Inexact TSP solvers based on a genetic approach.

# S3 method for eaxw
run(solver, instance, max.trials = 1L, pop.size = 100L,
  off.size = 30L, cutoff.time = 10L, opt.tour.length = NULL,
  seed = as.integer(ceiling(runif(1L) * 2^15)), with.restarts = FALSE,
  with.GPX = FALSE, fitness.type = "classic", snapshot.step = 0L,
  full.matrix = FALSE, verbose = FALSE, log.trajectory = TRUE,
  work.dir = NULL, output.files.prefix = NULL,
  keep.output.files = FALSE, init.pop = NULL, ...)

Arguments

solver

[TSPSolver]
TSPSolver object.

instance

[character(1) | Network]
Path to TSP instance in TSPlib format or Network object.

max.trials

[integer(1)]
Number of independent runs. At the moment this is fixed to 1.

pop.size

[integer(1)]
Population size. Default is 100.

off.size

[integer(1)]
Number of offspring generated in each generation. Default is 30.

cutoff.time

[integer(1)]
Maximal running time in seconds. Default is 10.

opt.tour.length

[integer(1) | NULL]
Length of an optimal TSP tour. This is only relevant for benchmarking. Keep in mind, that in case of a given optimal tour length most internal stopping criteria of EAX are deacitvated. The algorithm stops if an optimal tour is found or the cutoff time is reached.

seed

[integer(1)]
Seed for the random numbers generator. Defaults to a random integer between 1 and \(2^15\).

with.restarts

[logical(1)]
Should EAX restart if a plateau is reached? Default is FALSE.

with.GPX

[logical(1)]
Activate GPX2 crossover? Default is FALSE.

fitness.type

[character(1)]
Type of fitness function, either “classic” or “weighted”. Default is

snapshot.step

[integer(1)]
Possibility to log the entire population each snapshot.step times.
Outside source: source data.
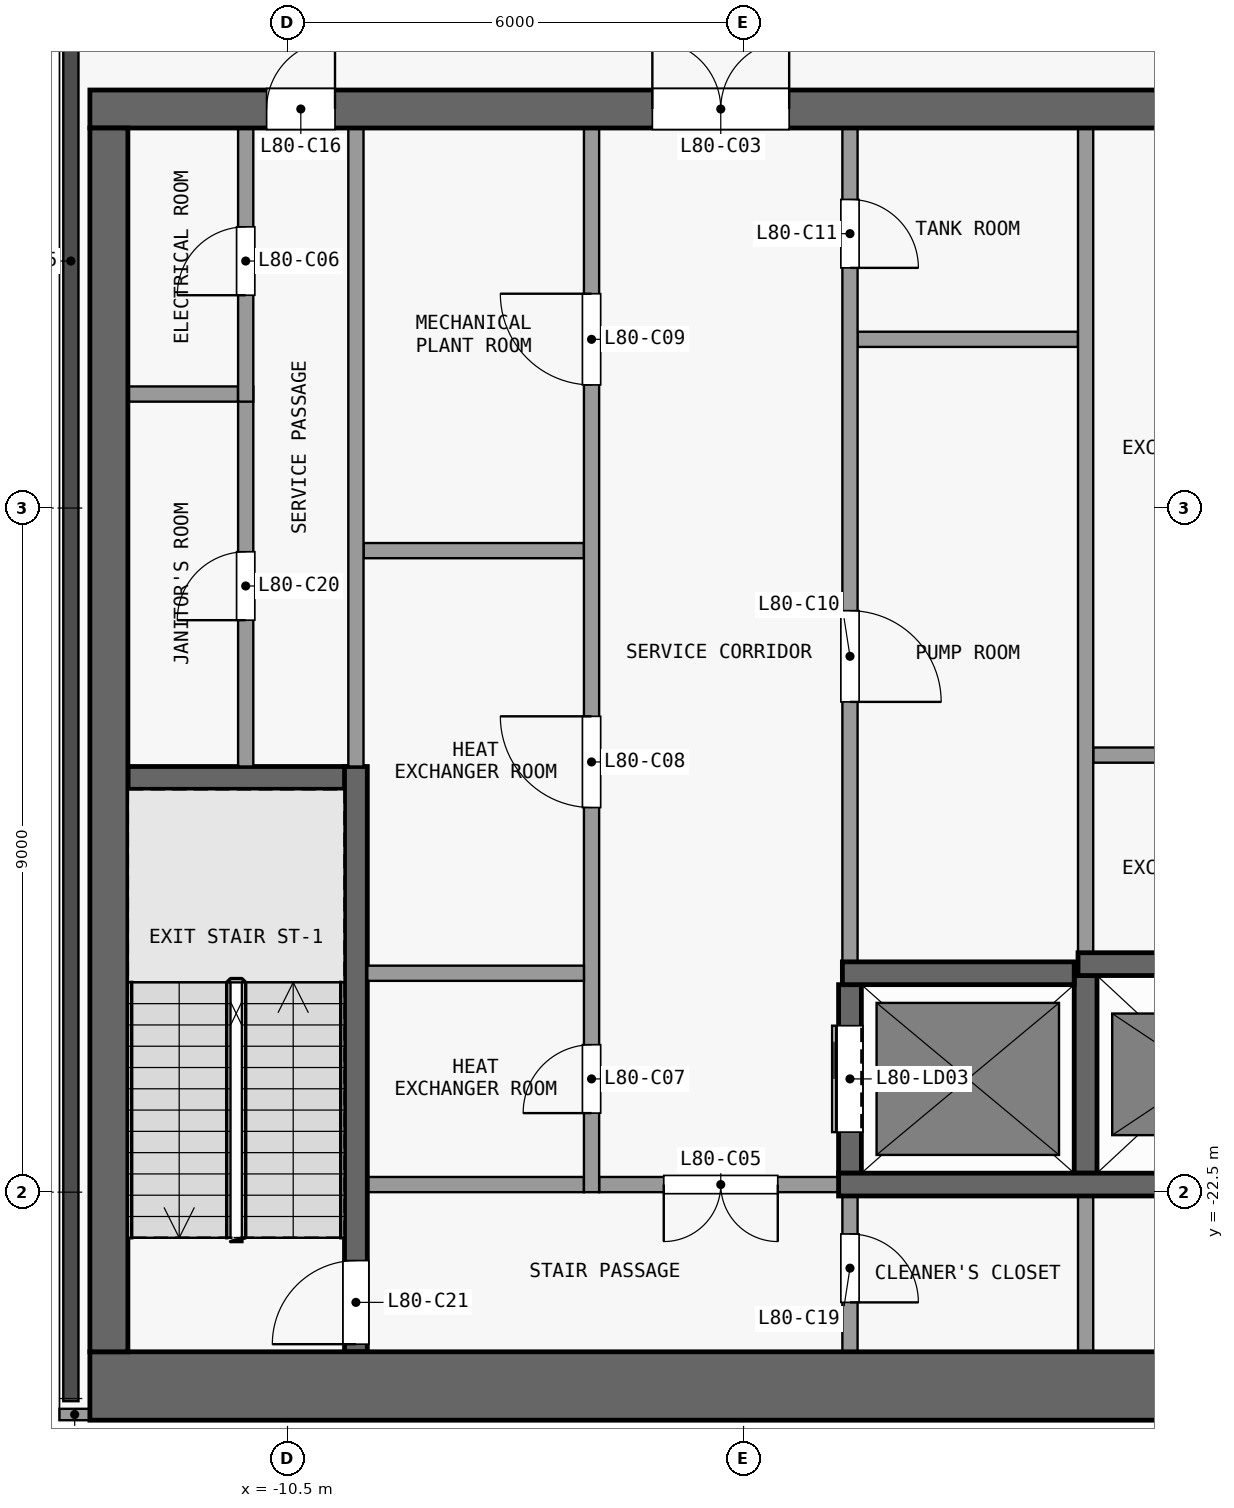
"""IFC4 building model, lengths in metres.
Left out: names, types, materials, properties, quantities, classifications, styles, units other than length and angle.
Written with IfcOpenShell. Run it as: python <this file> out.ifc"""

import sys

from ifc_helpers import new_model, si_unit, direction, frame, frame_2d, origin, place, context, subcontext, project, spatial, rectangle, extrude, element, fill, save


model = new_model("IFC4")
c1 = context("Model", 3, precision=1e-05, world=origin(), true_north=direction((0.0, 1.0)))
c2 = subcontext(c1, "Body", "Model", "MODEL_VIEW")
j1 = project(units=[si_unit("LENGTHUNIT", "METRE"), si_unit("PLANEANGLEUNIT", "RADIAN")], contexts=[c1])
p1 = place(None, origin())
s1 = spatial("IfcSite", under=j1, at=p1, CompositionType="ELEMENT")
p2 = place(p1, origin())
s2 = spatial("IfcBuilding", under=s1, at=p2, CompositionType="ELEMENT")
p3 = place(p2, frame((0.0, 0.0, 316.7)))
s3 = spatial("IfcBuildingStorey", under=s2, at=p3, CompositionType="ELEMENT", Elevation=316.7)
p4 = place(p3, frame((-13.1, -25.05, 0.0), z_axis=(0.0, 0.0, 1.0), x_axis=(1.0, 0.0, 0.0)))
e1 = element("IfcWall", 1, at=p4, inside=s3, PredefinedType="SHEAR", context=c2, shape_type="SweptSolid", body=[
    extrude(rectangle(XDim=26.2, YDim=0.9, at=frame_2d((13.1, 0.0))), origin(), (0.0, 0.0, 1.0), 4.2),
])
p5 = place(p3, frame((-13.1, -8.25, 0.0), z_axis=(0.0, 0.0, 1.0), x_axis=(1.0, 0.0, 0.0)))
e2 = element("IfcWall", 2, at=p5, inside=s3, PredefinedType="SHEAR", context=c2, shape_type="SweptSolid", body=[
    extrude(rectangle(XDim=26.2, YDim=0.5, at=frame_2d((13.1, 0.0))), origin(), (0.0, 0.0, 1.0), 4.2),
])
p6 = place(p5, frame((7.4, 0.0, 0.0)))
e3 = element("IfcOpeningElement", 3, at=p6, cuts=e2, PredefinedType="OPENING", context=c2, shape_type="SweptSolid", body=[
    extrude(rectangle(XDim=1.8, YDim=2.1, at=frame_2d((0.9, 1.05))), frame((0.0, 0.26, 0.0), z_axis=(0.0, -1.0, 0.0), x_axis=(1.0, 0.0, 0.0)), (0.0, 0.0, 1.0), 0.52),
])
p7 = place(p5, frame((17.0, 0.0, 0.0)))
e4 = element("IfcOpeningElement", 4, at=p7, cuts=e2, PredefinedType="OPENING", context=c2, shape_type="SweptSolid", body=[
    extrude(rectangle(XDim=1.8, YDim=2.1, at=frame_2d((0.9, 1.05))), frame((0.0, 0.26, 0.0), z_axis=(0.0, -1.0, 0.0), x_axis=(1.0, 0.0, 0.0)), (0.0, 0.0, 1.0), 0.52),
])
p8 = place(p5, frame((2.325, 0.0, 0.0)))
e5 = element("IfcOpeningElement", 5, at=p8, cuts=e2, PredefinedType="OPENING", context=c2, shape_type="SweptSolid", body=[
    extrude(rectangle(XDim=0.9, YDim=2.1, at=frame_2d((0.45, 1.05))), frame((0.0, 0.26, 0.0), z_axis=(0.0, -1.0, 0.0), x_axis=(1.0, 0.0, 0.0)), (0.0, 0.0, 1.0), 0.52),
])
p9 = place(p5, frame((23.675, 0.0, 0.0)))
e6 = element("IfcOpeningElement", 6, at=p9, cuts=e2, PredefinedType="OPENING", context=c2, shape_type="SweptSolid", body=[
    extrude(rectangle(XDim=1.2, YDim=2.1, at=frame_2d((0.6, 1.05))), frame((0.0, 0.26, 0.0), z_axis=(0.0, -1.0, 0.0), x_axis=(1.0, 0.0, 0.0)), (0.0, 0.0, 1.0), 0.52),
])
p10 = place(p3, frame((-12.85, -24.6, 0.0), z_axis=(0.0, 0.0, 1.0), x_axis=(0.0, 1.0, 0.0)))
e7 = element("IfcWall", 7, at=p10, inside=s3, PredefinedType="SHEAR", context=c2, shape_type="SweptSolid", body=[
    extrude(rectangle(XDim=16.1, YDim=0.5, at=frame_2d((8.05, 0.0))), origin(), (0.0, 0.0, 1.0), 4.2),
])
p11 = place(p3, frame((-9.45, -22.4, 0.0), z_axis=(0.0, 0.0, 1.0), x_axis=(1.0, 0.0, 0.0)))
e8 = element("IfcWall", 8, at=p11, inside=s3, PredefinedType="PARTITIONING", context=c2, shape_type="SweptSolid", body=[
    extrude(rectangle(XDim=2.85, YDim=0.2, at=frame_2d((1.425, 0.0))), origin(), (0.0, 0.0, 1.0), 4.2),
])
p12 = place(p3, frame((-3.25, -22.4, 0.0), z_axis=(0.0, 0.0, 1.0), x_axis=(-1.0, 0.0, 0.0)))
e9 = element("IfcWall", 9, at=p12, inside=s3, PredefinedType="PARTITIONING", context=c2, shape_type="SweptSolid", body=[
    extrude(rectangle(XDim=3.15, YDim=0.2, at=frame_2d((1.575, 0.0))), origin(), (0.0, 0.0, 1.0), 4.2),
])
p13 = place(p12, frame((0.8, 0.0, 0.0)))
e10 = element("IfcOpeningElement", 10, at=p13, cuts=e9, PredefinedType="OPENING", context=c2, shape_type="SweptSolid", body=[
    extrude(rectangle(XDim=1.5, YDim=2.1, at=frame_2d((0.75, 1.05))), frame((0.0, 0.11, 0.0), z_axis=(0.0, -1.0, 0.0), x_axis=(1.0, 0.0, 0.0)), (0.0, 0.0, 1.0), 0.22),
])
p14 = place(p3, frame((-3.25, -22.4, 0.0), z_axis=(0.0, 0.0, 1.0), x_axis=(1.0, 0.0, 0.0)))
e11 = element("IfcWall", 11, at=p14, inside=s3, PredefinedType="SHEAR", context=c2, shape_type="SweptSolid", body=[
    extrude(rectangle(XDim=6.5, YDim=0.3, at=frame_2d((3.25, 0.0))), origin(), (0.0, 0.0, 1.0), 4.2),
])
p15 = place(p3, frame((-9.45, -19.62, 0.0), z_axis=(0.0, 0.0, 1.0), x_axis=(1.0, 0.0, 0.0)))
e12 = element("IfcWall", 12, at=p15, inside=s3, PredefinedType="PARTITIONING", context=c2, shape_type="SweptSolid", body=[
    extrude(rectangle(XDim=2.85, YDim=0.2, at=frame_2d((1.425, 0.0))), origin(), (0.0, 0.0, 1.0), 4.2),
])
p16 = place(p3, frame((-3.2, -19.62, 0.0), z_axis=(0.0, 0.0, 1.0), x_axis=(1.0, 0.0, 0.0)))
e13 = element("IfcWall", 13, at=p16, inside=s3, PredefinedType="SHEAR", context=c2, shape_type="SweptSolid", body=[
    extrude(rectangle(XDim=3.05, YDim=0.3, at=frame_2d((1.525, 0.0))), origin(), (0.0, 0.0, 1.0), 4.2),
])
p17 = place(p3, frame((-0.1, -19.5, 0.0), z_axis=(0.0, 0.0, 1.0), x_axis=(1.0, 0.0, 0.0)))
e14 = element("IfcWall", 14, at=p17, inside=s3, PredefinedType="SHEAR", context=c2, shape_type="SweptSolid", body=[
    extrude(rectangle(XDim=3.3, YDim=0.3, at=frame_2d((1.65, 0.0))), origin(), (0.0, 0.0, 1.0), 4.2),
])
p18 = place(p3, frame((-12.6, -17.05, 0.0), z_axis=(0.0, 0.0, 1.0), x_axis=(1.0, 0.0, 0.0)))
e15 = element("IfcWall", 15, at=p18, inside=s3, PredefinedType="SHEAR", context=c2, shape_type="SweptSolid", body=[
    extrude(rectangle(XDim=3.1, YDim=0.3, at=frame_2d((1.55, 0.0))), origin(), (0.0, 0.0, 1.0), 4.2),
])
for number, where, z_axis, x_axis in (
    (16, (0.1, -16.75, 0.0), (0.0, 0.0, 1.0), (1.0, 0.0, 0.0)),
    (17, (-9.5, -14.06, 0.0), (0.0, 0.0, 1.0), (1.0, 0.0, 0.0)),
):
    element("IfcWall", number, at=place(p3, frame(where, z_axis=z_axis, x_axis=x_axis)), inside=s3, PredefinedType="PARTITIONING", context=c2, shape_type="SweptSolid", body=[
        extrude(rectangle(XDim=2.9, YDim=0.2, at=frame_2d((1.45, 0.0))), origin(), (0.0, 0.0, 1.0), 4.2),
    ])
p19 = place(p3, frame((-12.6, -12.0, 0.0), z_axis=(0.0, 0.0, 1.0), x_axis=(1.0, 0.0, 0.0)))
e18 = element("IfcWall", 18, at=p19, inside=s3, PredefinedType="PARTITIONING", context=c2, shape_type="SweptSolid", body=[
    extrude(rectangle(XDim=1.45, YDim=0.2, at=frame_2d((0.725, 0.0))), origin(), (0.0, 0.0, 1.0), 4.2),
])
p20 = place(p3, frame((-3.0, -11.28, 0.0), z_axis=(0.0, 0.0, 1.0), x_axis=(1.0, 0.0, 0.0)))
e19 = element("IfcWall", 19, at=p20, inside=s3, PredefinedType="PARTITIONING", context=c2, shape_type="SweptSolid", body=[
    extrude(rectangle(XDim=2.9, YDim=0.2, at=frame_2d((1.45, 0.0))), origin(), (0.0, 0.0, 1.0), 4.2),
])
p21 = place(p3, frame((-11.05, -16.9, 0.0), z_axis=(0.0, 0.0, 1.0), x_axis=(0.0, 1.0, 0.0)))
e20 = element("IfcWall", 20, at=p21, inside=s3, PredefinedType="PARTITIONING", context=c2, shape_type="SweptSolid", body=[
    extrude(rectangle(XDim=5.0, YDim=0.2, at=frame_2d((2.5, 0.0))), origin(), (0.0, 0.0, 1.0), 4.2),
])
p22 = place(p21, frame((1.925, 0.0, 0.0)))
e21 = element("IfcOpeningElement", 21, at=p22, cuts=e20, PredefinedType="OPENING", context=c2, shape_type="SweptSolid", body=[
    extrude(rectangle(XDim=0.9, YDim=2.1, at=frame_2d((0.45, 1.05))), frame((0.0, 0.11, 0.0), z_axis=(0.0, -1.0, 0.0), x_axis=(1.0, 0.0, 0.0)), (0.0, 0.0, 1.0), 0.22),
])
p23 = place(p3, frame((-11.05, -12.1, 0.0), z_axis=(0.0, 0.0, 1.0), x_axis=(0.0, 1.0, 0.0)))
e22 = element("IfcWall", 22, at=p23, inside=s3, PredefinedType="PARTITIONING", context=c2, shape_type="SweptSolid", body=[
    extrude(rectangle(XDim=3.6, YDim=0.2, at=frame_2d((1.8, 0.0))), origin(), (0.0, 0.0, 1.0), 4.2),
])
p24 = place(p23, frame((1.4, 0.0, 0.0)))
e23 = element("IfcOpeningElement", 23, at=p24, cuts=e22, PredefinedType="OPENING", context=c2, shape_type="SweptSolid", body=[
    extrude(rectangle(XDim=0.9, YDim=2.1, at=frame_2d((0.45, 1.05))), frame((0.0, 0.11, 0.0), z_axis=(0.0, -1.0, 0.0), x_axis=(1.0, 0.0, 0.0)), (0.0, 0.0, 1.0), 0.22),
])
p25 = place(p3, frame((-9.6, -24.6, 0.0), z_axis=(0.0, 0.0, 1.0), x_axis=(0.0, 1.0, 0.0)))
e24 = element("IfcWall", 24, at=p25, inside=s3, PredefinedType="SHEAR", context=c2, shape_type="SweptSolid", body=[
    extrude(rectangle(XDim=7.7, YDim=0.3, at=frame_2d((3.85, 0.0))), origin(), (0.0, 0.0, 1.0), 4.2),
])
p26 = place(p25, frame((0.1, 0.0, 0.0)))
e25 = element("IfcOpeningElement", 25, at=p26, cuts=e24, PredefinedType="OPENING", context=c2, shape_type="SweptSolid", body=[
    extrude(rectangle(XDim=1.1, YDim=2.1, at=frame_2d((0.55, 1.05))), frame((0.0, 0.16, 0.0), z_axis=(0.0, -1.0, 0.0), x_axis=(1.0, 0.0, 0.0)), (0.0, 0.0, 1.0), 0.32),
])
p27 = place(p3, frame((-9.6, -16.9, 0.0), z_axis=(0.0, 0.0, 1.0), x_axis=(0.0, 1.0, 0.0)))
e26 = element("IfcWall", 26, at=p27, inside=s3, PredefinedType="PARTITIONING", context=c2, shape_type="SweptSolid", body=[
    extrude(rectangle(XDim=8.4, YDim=0.2, at=frame_2d((4.2, 0.0))), origin(), (0.0, 0.0, 1.0), 4.2),
])
p28 = place(p3, frame((-6.5, -22.5, 0.0), z_axis=(0.0, 0.0, 1.0), x_axis=(0.0, 1.0, 0.0)))
e27 = element("IfcWall", 27, at=p28, inside=s3, PredefinedType="PARTITIONING", context=c2, shape_type="SweptSolid", body=[
    extrude(rectangle(XDim=14.0, YDim=0.2, at=frame_2d((7.0, 0.0))), origin(), (0.0, 0.0, 1.0), 4.2),
])
p29 = place(p28, frame((1.04, 0.0, 0.0)))
e28 = element("IfcOpeningElement", 28, at=p29, cuts=e27, PredefinedType="OPENING", context=c2, shape_type="SweptSolid", body=[
    extrude(rectangle(XDim=0.9, YDim=2.1, at=frame_2d((0.45, 1.05))), frame((0.0, 0.11, 0.0), z_axis=(0.0, -1.0, 0.0), x_axis=(1.0, 0.0, 0.0)), (0.0, 0.0, 1.0), 0.22),
])
p30 = place(p28, frame((5.06, 0.0, 0.0)))
e29 = element("IfcOpeningElement", 29, at=p30, cuts=e27, PredefinedType="OPENING", context=c2, shape_type="SweptSolid", body=[
    extrude(rectangle(XDim=1.2, YDim=2.1, at=frame_2d((0.6, 1.05))), frame((0.0, 0.11, 0.0), z_axis=(0.0, -1.0, 0.0), x_axis=(1.0, 0.0, 0.0)), (0.0, 0.0, 1.0), 0.22),
])
p31 = place(p28, frame((10.62, 0.0, 0.0)))
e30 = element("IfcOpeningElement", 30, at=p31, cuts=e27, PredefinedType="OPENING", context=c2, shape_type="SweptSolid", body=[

Default is 0, i.e., do not log at all.

full.matrix

[logical(1)]
Only relevant if instance is a Network. If TRUE, the network is exported to TSPlib format with explicit edge weight definition. Default is FALSE.

verbose

[logical(1)]
Should the output of the solver be printed? Default is FALSE.

log.trajectory

[logical(1)]
Should the optimization progress be logged? Default is FALSE.

work.dir

[character(1)]
Path to working directory of the solver. Defaults to temporary directory via tempfile().

output.files.prefix

[character(1)]
Prefix for file names used by solver for storing output. Default is a randomly generated temporary prefix.

keep.output.files

[logical(1)]
Flag indicating whether output files shall be kept or deleted. Default is FALSE, i.e., output files are processed and output is loaded into R object. Afterwards the output files are deleted. This flag is particularly useful in large benchmark studies if work.dir and output.files.prefix is set.

init.pop

[list]
List of lists. Each sublist needs to contains three components:

n [integer(1)]

Number of nodes of the TSP problem.

tour [integer(n)]

The actual tour.

tour.length [integer(1)]

Length of the tour.

Default is NULL, i.e., the initial population is generated randomly and 2-Opt is applied to each solution before the evolutionary loop starts.

...

[any]
Not used at the moment.

Value

[TSPSolverResult]

Note

This solver requires integer inter-city distances.

References

Nagata, Y. and Kobayashi, S. (2013). A powerful genetic algorithm using edge assembly crossover for the travelling salesman problem. INFORMS Journal on Computing, 25(2):346-363.

Nagata, Y. and Kobayashi, S. (1997). Edge assembly crossover: A high-power genetic algorithm for the travelling salesman problem. In Baeck, T., editor, Proceedings of the Seventh International Conference on Genetic Algorithms (ICGA97), pages 450-457, San Francisco, CA. Morgan Kaufmann.